Ten degrees and sunny. Perfect for ice skating.

Here

I’m here —

the snow falling.

― Issa

Strangers

A stranger comes into my office and tells me about the guesthouse he might want to build in ten years or so. Then he stops and asks rhetorically, Who am I kidding? I don’t know what will happen this summer.

I say (through my mask), Really, what might happen next week?

There’s a moment before we both laugh. What else could we do?

Driving home, through this gorgeous Vermont scenery — white snow sprinkled on blue mountains, enormous red barns, pretty clapboard villages with church spires the highest manmade mark — I think how lucky I was to travel a lot as a kid and in my twenties. So much camping, so much washing of hair beneath spigots. And yet, everything is just weird. Maybe this will change by the summer; maybe not.

At dinner, my daughter tells me about an elderly couple who stopped their car while she was walking and asked for directions to the high school. She said they told her they were on their way to get vaccines, and they waved happily to her as they drove off.

Listening, for some reason I remember an old word from novels I read as a child: Godspeed.

Thinking of that couple, I thought, Godspeed. Thinking of all of us, I thought, Godspeed.

And here’s inspiring news of an ancient shell.

Tuesday

When I step out to start my daughter’s car before she heads to work this morning, a very light snow is falling, flakes drifting in the light from the kitchen window.

Last year, I would have been headed to Burlington through the snow, driving through whatever the weather might have tossed at me. This year, I’m headed a far shorter distance up a back road.

In my twenties, I lived in Washington state for a few years, on the western side, in the Cascade mountains. The mountains were beautiful, the people kind, but I missed the heart of winter, the drama of Vermont’s swinging seasons. On mornings like this, I sometimes wonder what the heck I was thinking. In February, so many Vermonters draw in — even pre-pandemic — hibernating at our hearths against the winter.

For a moment longer I stand shivering. In the village below, only a few lights glow. A milk truck drives along Route 14.

Then I head back in to make more coffee. My daughter yawns and packs her bag for work. She asks me, Remember the smell of rain?

Yes, I say. I do.

Photo by Gabriela

Sweet Day

All day on my oldest daughter’s birthday, I remember that this was the day I became a mother. The day is imbued with a rosy holiness, transforming the everyday world of mundane things — a laundry basket, a cheese grater, a dutch oven — into pieces of our miraculous life. Parenting is a long, long road — there’s no doubt about that — the world would be unimaginable without this road.

At the end of a very long labor with this baby, I saw myself descending deeper and deeper into a dark, stone-lined well, my arm outstretched, reaching for my baby who I knew was somewhere down at the well’s bottom.

This child was born at the very end of the 20th century, in contemporary Vermont. Modern medicine made her life possible, and certainly saved my own, too. Every year, when I’m grateful for this young woman’s life, I remember the strangers who brought her into the world.

Happy February.

Border Crossings

On inauguration eve, I dream of wandering through my childhood hometown and wake thinking of the November morning four years when I woke early and realized I would have to tell my daughters that Donald Trump won the presidency.

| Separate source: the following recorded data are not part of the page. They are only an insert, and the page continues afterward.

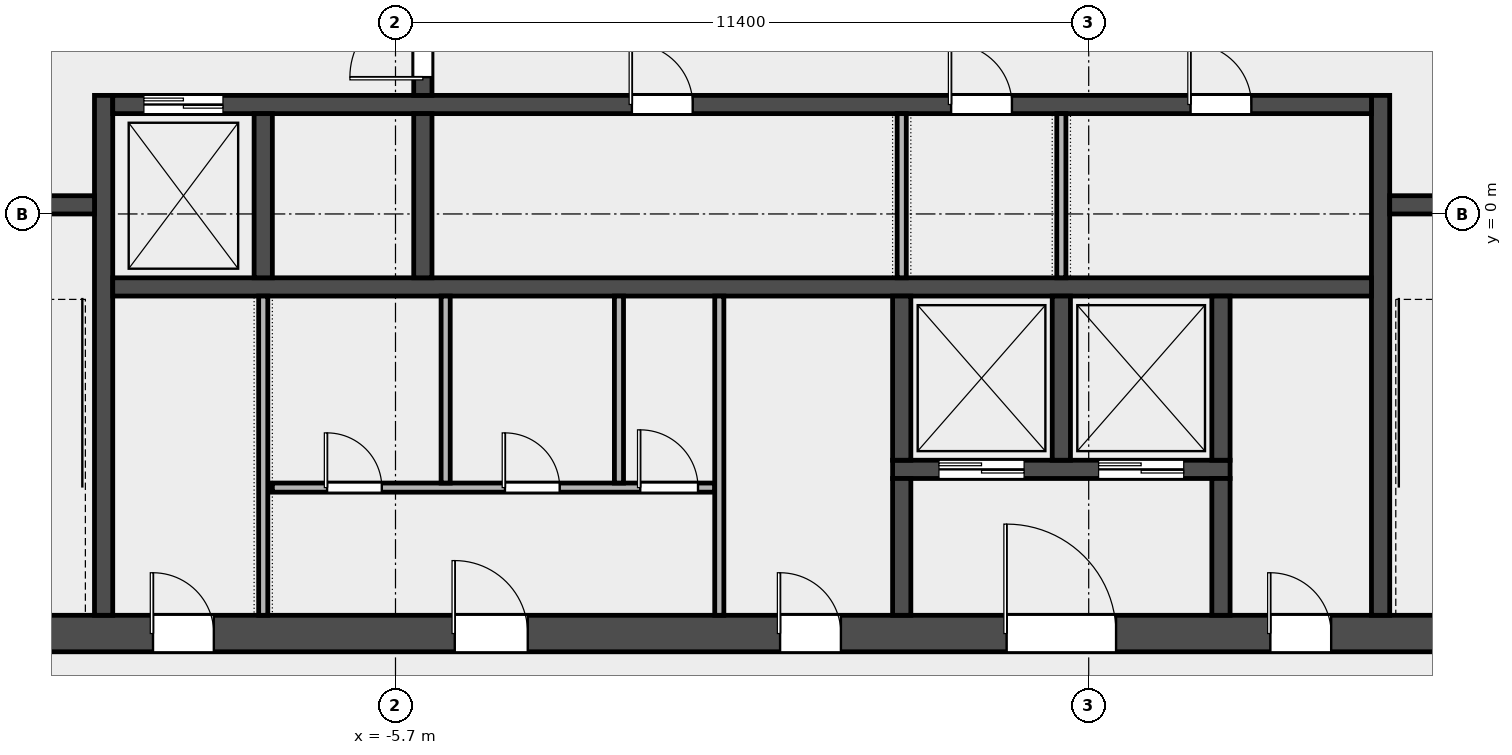
"""IFC4 building model, lengths in metres.
Left out: names, types, materials, properties, quantities, classifications, styles, units other than length and angle.
Written with IfcOpenShell. Run it as: python <this file> out.ifc"""

import sys

from ifc_helpers import new_model, si_unit, direction, frame, frame_2d, origin, place, context, subcontext, project, spatial, rectangle, extrude, element, fill, save


model = new_model("IFC4")
c1 = context("Model", 3, precision=1e-05, world=origin(), true_north=direction((0.0, 1.0)))
c2 = subcontext(c1, "Body", "Model", "MODEL_VIEW")
j1 = project(units=[si_unit("LENGTHUNIT", "METRE"), si_unit("PLANEANGLEUNIT", "RADIAN")], contexts=[c1])
p1 = place(None, origin())
s1 = spatial("IfcSite", under=j1, at=p1, CompositionType="ELEMENT")
p2 = place(p1, origin())
s2 = spatial("IfcBuilding", under=s1, at=p2, CompositionType="ELEMENT")
p3 = place(p2, frame((0.0, 0.0, 299.4)))
s3 = spatial("IfcBuildingStorey", under=s2, at=p3, CompositionType="ELEMENT", Elevation=299.4)
p4 = place(p3, frame((-14.4, -6.9, 0.0), z_axis=(0.0, 0.0, 1.0), x_axis=(1.0, 0.0, 0.0)))
e1 = element("IfcWall", 1, at=p4, inside=s3, PredefinedType="SHEAR", context=c2, shape_type="SweptSolid", body=[
    extrude(rectangle(XDim=28.8, YDim=0.6, at=frame_2d((14.4, 0.0))), origin(), (0.0, 0.0, 1.0), 3.7),
])
p5 = place(p4, frame((4.712, 0.0, 0.0)))
e2 = element("IfcOpeningElement", 2, at=p5, cuts=e1, PredefinedType="OPENING", context=c2, shape_type="SweptSolid", body=[
    extrude(rectangle(XDim=1.0, YDim=2.1, at=frame_2d((0.5, 1.05))), frame((0.0, 0.312, 0.0), z_axis=(0.0, -1.0, 0.0), x_axis=(1.0, 0.0, 0.0)), (0.0, 0.0, 1.0), 0.624),
])
p6 = place(p4, frame((9.675, 0.0, 0.0)))
e3 = element("IfcOpeningElement", 3, at=p6, cuts=e1, PredefinedType="OPENING", context=c2, shape_type="SweptSolid", body=[
    extrude(rectangle(XDim=1.2, YDim=2.1, at=frame_2d((0.6, 1.05))), frame((0.0, 0.312, 0.0), z_axis=(0.0, -1.0, 0.0), x_axis=(1.0, 0.0, 0.0)), (0.0, 0.0, 1.0), 0.624),
])
p7 = place(p4, frame((15.025, 0.0, 0.0)))
e4 = element("IfcOpeningElement", 4, at=p7, cuts=e1, PredefinedType="OPENING", context=c2, shape_type="SweptSolid", body=[
    extrude(rectangle(XDim=1.0, YDim=2.1, at=frame_2d((0.5, 1.05))), frame((0.0, 0.312, 0.0), z_axis=(0.0, -1.0, 0.0), x_axis=(1.0, 0.0, 0.0)), (0.0, 0.0, 1.0), 0.624),
])
p8 = place(p4, frame((18.75, 0.0, 0.0)))
e5 = element("IfcOpeningElement", 5, at=p8, cuts=e1, PredefinedType="OPENING", context=c2, shape_type="SweptSolid", body=[
    extrude(rectangle(XDim=1.8, YDim=2.1, at=frame_2d((0.9, 1.05))), frame((0.0, 0.312, 0.0), z_axis=(0.0, -1.0, 0.0), x_axis=(1.0, 0.0, 0.0)), (0.0, 0.0, 1.0), 0.624),
])
p9 = place(p4, frame((23.087, 0.0, 0.0)))
e6 = element("IfcOpeningElement", 6, at=p9, cuts=e1, PredefinedType="OPENING", context=c2, shape_type="SweptSolid", body=[
    extrude(rectangle(XDim=1.0, YDim=2.1, at=frame_2d((0.5, 1.05))), frame((0.0, 0.312, 0.0), z_axis=(0.0, -1.0, 0.0), x_axis=(1.0, 0.0, 0.0)), (0.0, 0.0, 1.0), 0.624),
])
for number, where, z_axis, x_axis in (
    (7, (-10.5, -6.6, 0.0), (0.0, 0.0, 1.0), (0.0, 1.0, 0.0)),
    (8, (10.5, -6.6, 0.0), (0.0, 0.0, 1.0), (0.0, 1.0, 0.0)),
):
    element("IfcWall", number, at=place(p3, frame(where, z_axis=z_axis, x_axis=x_axis)), inside=s3, PredefinedType="SHEAR", context=c2, shape_type="SweptSolid", body=[
        extrude(rectangle(XDim=8.55, YDim=0.3, at=frame_2d((4.275, 0.0))), origin(), (0.0, 0.0, 1.0), 3.7),
    ])
p10 = place(p3, frame((-13.8, 0.15, 0.0), z_axis=(0.0, 0.0, 1.0), x_axis=(1.0, 0.0, 0.0)))
e9 = element("IfcWall", 9, at=p10, inside=s3, PredefinedType="SOLIDWALL", context=c2, shape_type="SweptSolid", body=[
    extrude(rectangle(XDim=3.15, YDim=0.3, at=frame_2d((1.575, 0.0))), origin(), (0.0, 0.0, 1.0), 3.7),
])
p11 = place(p10, frame((0.975, 0.0, 0.0)))
e10 = element("IfcOpeningElement", 10, at=p11, cuts=e9, PredefinedType="OPENING", context=c2, shape_type="SweptSolid", body=[
    extrude(rectangle(XDim=1.1, YDim=2.1, at=frame_2d((0.55, 1.05))), frame((0.0, 0.162, 0.0), z_axis=(0.0, -1.0, 0.0), x_axis=(1.0, 0.0, 0.0)), (0.0, 0.0, 1.0), 0.324),
])
p12 = place(p3, frame((10.65, 0.15, 0.0), z_axis=(0.0, 0.0, 1.0), x_axis=(1.0, 0.0, 0.0)))
e11 = element("IfcWall", 11, at=p12, inside=s3, PredefinedType="SOLIDWALL", context=c2, shape_type="SweptSolid", body=[
    extrude(rectangle(XDim=3.15, YDim=0.3, at=frame_2d((1.575, 0.0))), origin(), (0.0, 0.0, 1.0), 3.7),
])
p13 = place(p12, frame((1.025, 0.0, 0.0)))
e12 = element("IfcOpeningElement", 12, at=p13, cuts=e11, PredefinedType="OPENING", context=c2, shape_type="SweptSolid", body=[
    extrude(rectangle(XDim=1.1, YDim=2.1, at=frame_2d((0.55, 1.05))), frame((0.0, 0.162, 0.0), z_axis=(0.0, -1.0, 0.0), x_axis=(1.0, 0.0, 0.0)), (0.0, 0.0, 1.0), 0.324),
])
p14 = place(p3, frame((-10.35, -1.2, 0.0), z_axis=(0.0, 0.0, 1.0), x_axis=(1.0, 0.0, 0.0)))
e13 = element("IfcWall", 13, at=p14, inside=s3, PredefinedType="SOLIDWALL", context=c2, shape_type="SweptSolid", body=[
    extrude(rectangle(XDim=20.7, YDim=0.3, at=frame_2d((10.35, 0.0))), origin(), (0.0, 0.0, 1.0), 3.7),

Four years seems so long ago — far longer ago than my own childhood of the 1970s when not all that much seemed to happen.

As I lie in bed reading about the Vikings — these ancient, fascinating people — snow drifts down outside, twinkling in my neighbor’s porch light. She’s up, too, as are my neighbors across the street, all three of our houses awake this morning long before dawn. In a different world, I’d pull on my coat and slip into my boots, walk through those unshoveled inches of fresh snow, and offer a piece of coffee cake my daughter baked.

In my own family life, we’ve slipped through so many borders and changes in these four years, one tiny ripple in the endless ripples of human life. Today, January 20, yet another change. May this be for civility and decency.

The Viking Age was very much a time of borders—between cultures and ways of life, between different views of reality, and between individuals, including at the level of liberty itself.

— Neil Price, Children of Ash and Elm: A History of the Vikings

Photo by Gabriela S.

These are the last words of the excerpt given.